THE WHEELCHAIR: Where in the world are these holes coming from?

THE WORM: Thas con-fee-dential.

THE WHEELCHAIR: Yeah...

THE WORM: I see that yee're emeel show eesen't very popleer.

THE WHEELCHAIR: You can stop talking like that!

THE WORM: No-kay.

THE WHEELCHAIR: Erg...Well...Just because Ready For Primetime never heard of my emaila show doesn't mean no one's heard of it.

{A message appears onscreen that says "A few moments later". Cut to a very zoomed out view of The Wheelchair in Sweet Cuppin' Cakes.}

THE WHEELCHAIR: {yelling} SOMEBODY EMAILA ME!!! {The camera zooms in on The Wheelchair.} Erg...

THE WORM: {offscreen} Nobeedy emeels oo! Geet eet een your heed!

{The camera zooms out a little to show The Worm with his head sticking out of a hole.}

THE WHEELCHAIR: That hole was definitely not there a few seconds ago! How did it get there?

THE WORM: Thas -

THE WHEELCHAIR: Stop using that stupid speech impediment!
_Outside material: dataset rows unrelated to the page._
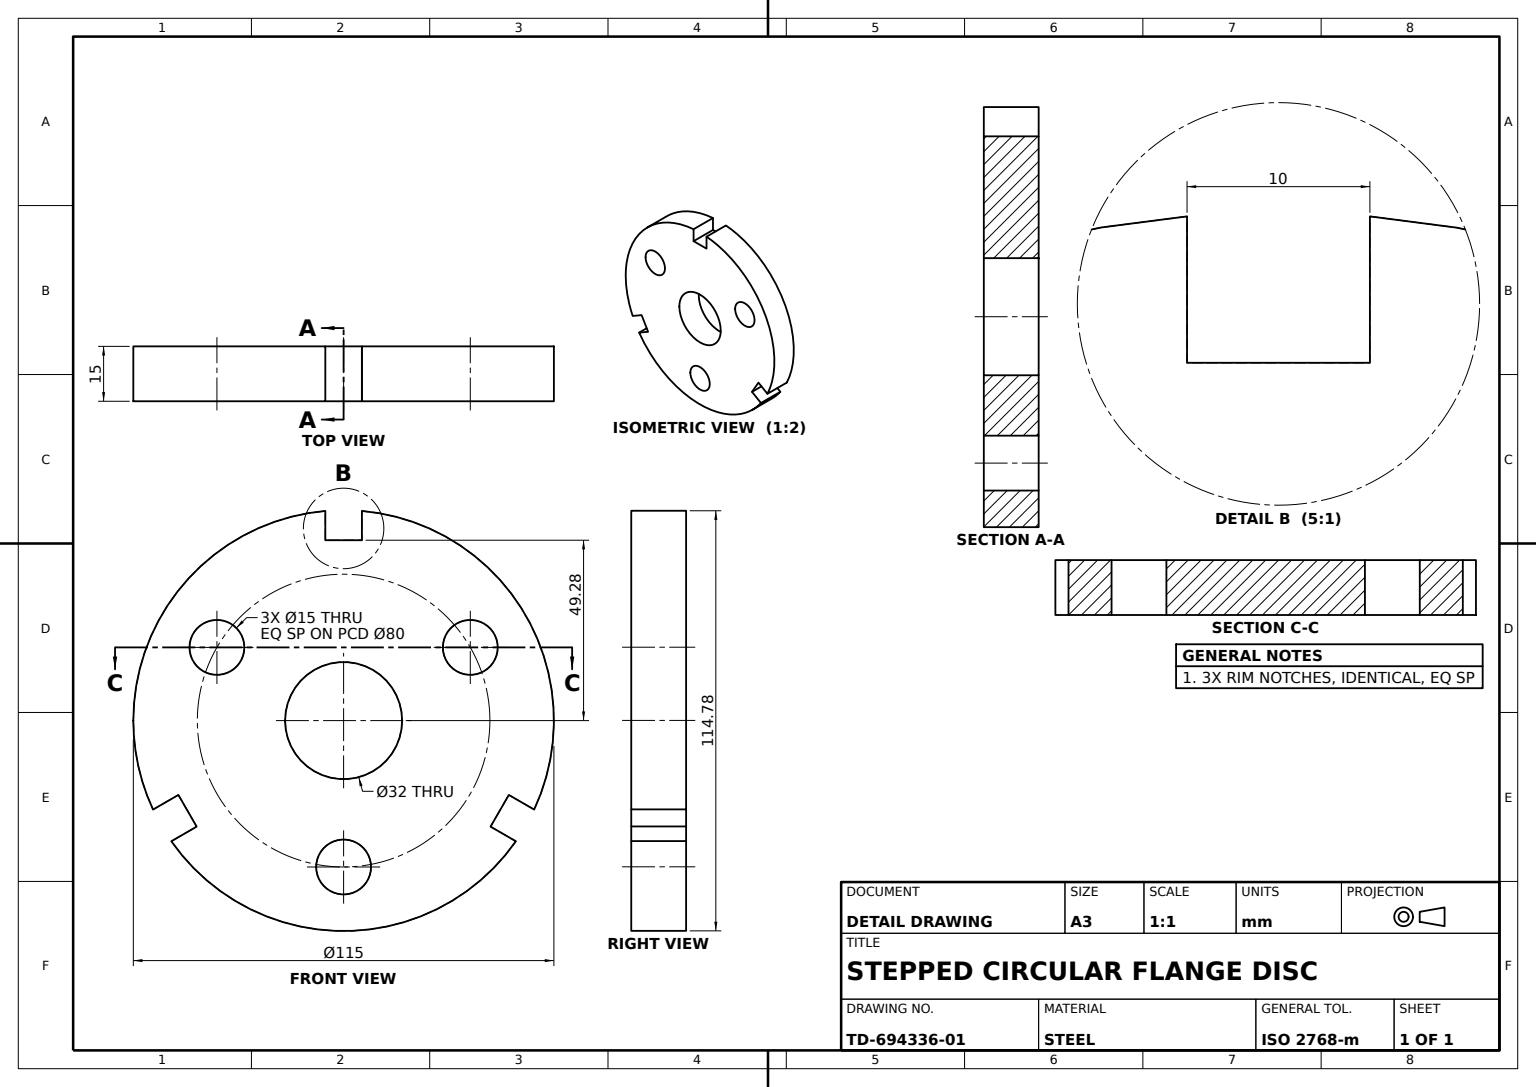
from build123d import *

# Parameters (mm, degrees)
DISC_PROFILE_115_R      = 57.5
DISC_115X15_DEPTH       = 15
HOLES_4X_15_SKETCH_R    = 7.5
HOLES_4X_15_ON_80_DEPTH = 15
CENTRE_BORE_32_SKETCH_R = 16
CENTRE_BORE_32_DEPTH    = 15
RIM_START               = -15
RIM_NOTCHES_DEPTH       = 15


with BuildPart() as part:
    # Disc Profile Ø115 → Disc Ø115x15 (new body)
    with BuildSketch(Plane.XY):
        Circle(DISC_PROFILE_115_R)
    extrude(amount=DISC_115X15_DEPTH)

    # Holes 4xØ15 Sketch → Holes 4xØ15 on Ø80 (cut)
    with BuildSketch(Plane.XY.offset(15)):
        with Locations((34.641016151, 20)):
            Circle(HOLES_4X_15_SKETCH_R)
        with Locations((0, -40)):
            Circle(HOLES_4X_15_SKETCH_R)
        with Locations((-34.641016151, 20)):
            Circle(HOLES_4X_15_SKETCH_R)
    extrude(amount=-HOLES_4X_15_ON_80_DEPTH, mode=Mode.SUBTRACT)

    # Centre Bore Ø32 Sketch → Centre Bore Ø32 (cut)
    with BuildSketch(Plane.XY.offset(15)):
        Circle(CENTRE_BORE_32_SKETCH_R)
    extrude(amount=-CENTRE_BORE_32_DEPTH, mode=Mode.SUBTRACT)

    # Rim Notches Sketch → Rim Notches (cut)
    with BuildSketch(Plane.XY.offset(15).offset(RIM_START)):
        with BuildLine():
            Line((-5, 49.282196187), (5, 49.282196187))
            Line((5, 49.282196187), (5, 57.282196187))
            ThreePointArc((5, 57.282196187), (0, 57.5), (-5, 57.282196187))
            Line((-5, 57.282196187), (-5, 49.282196187))
        make_face()
        with BuildLine():
            Line((45.179633852, -20.310971075), (40.179633852, -28.971225112))
            Line((40.179633852, -28.971225112), (47.107837082, -32.971225112))
            ThreePointArc((47.107837082, -32.971225112), (49.796460718, -28.75), (52.107837082, -24.310971075))
            Line((52.107837082, -24.310971075), (45.179633852, -20.310971075))
        make_face()
        with BuildLine():
            Line((-40.179633852, -28.971225112), (-45.179633852, -20.310971075))
            Line((-45.179633852, -20.310971075), (-52.107837082, -24.310971075))
            ThreePointArc((-52.107837082, -24.310971075), (-49.796460718, -28.75), (-47.107837082, -32.971225112))
            Line((-47.107837082, -32.971225112), (-40.179633852, -28.971225112))
        make_face()
    extrude(amount=RIM_NOTCHES_DEPTH, mode=Mode.SUBTRACT)


solid = part.part

I can hardly understand what you're saying!

THE WORM: You finally realized it, The Wheelchair.

THE WHEELCHAIR: Huh? What're you talking about?

THE WORM: You finally realized the moral of this half-mail.

THE WHEELCHAIR: Moral?

THE WORM: Yes, moral. And the moral is 'Be Careful What You Wish For', because you wished that I had my speech impediment, but now you realized that you can't understand what I'm saying when I use it.

THE WHEELCHAIR: I'm gonna eat you!

{The Paper comes down}

Easter Eggs

  • Click on The Wheelchair at the end to see this:

THE WHEELCHAIR: Please emaila me!

  • Click on him again to see this:

THE WHEELCHAIR: You click on me twice but you don't emaila me? Come on!

  • Click on The Wheelchair a third time to see this:

THE WHEELCHAIR: Okay, I'm outta here. {rolls offscreen}

THE WORM: Hey wait! You have to make it so if you click a fourth time, you eat me!

Fun Facts

  • At the time this not quite so email was made, there hadn't been any emails in The Wheelchair's inbox for two months, and before that, another two months...or so.
  • The Wheelchair threatening to eat The Worm is like The Wheelchair threatening to eat George.
  • Having a moral is common in short stories and fables.
    • "Be Careful What You Wish For" is a common moral.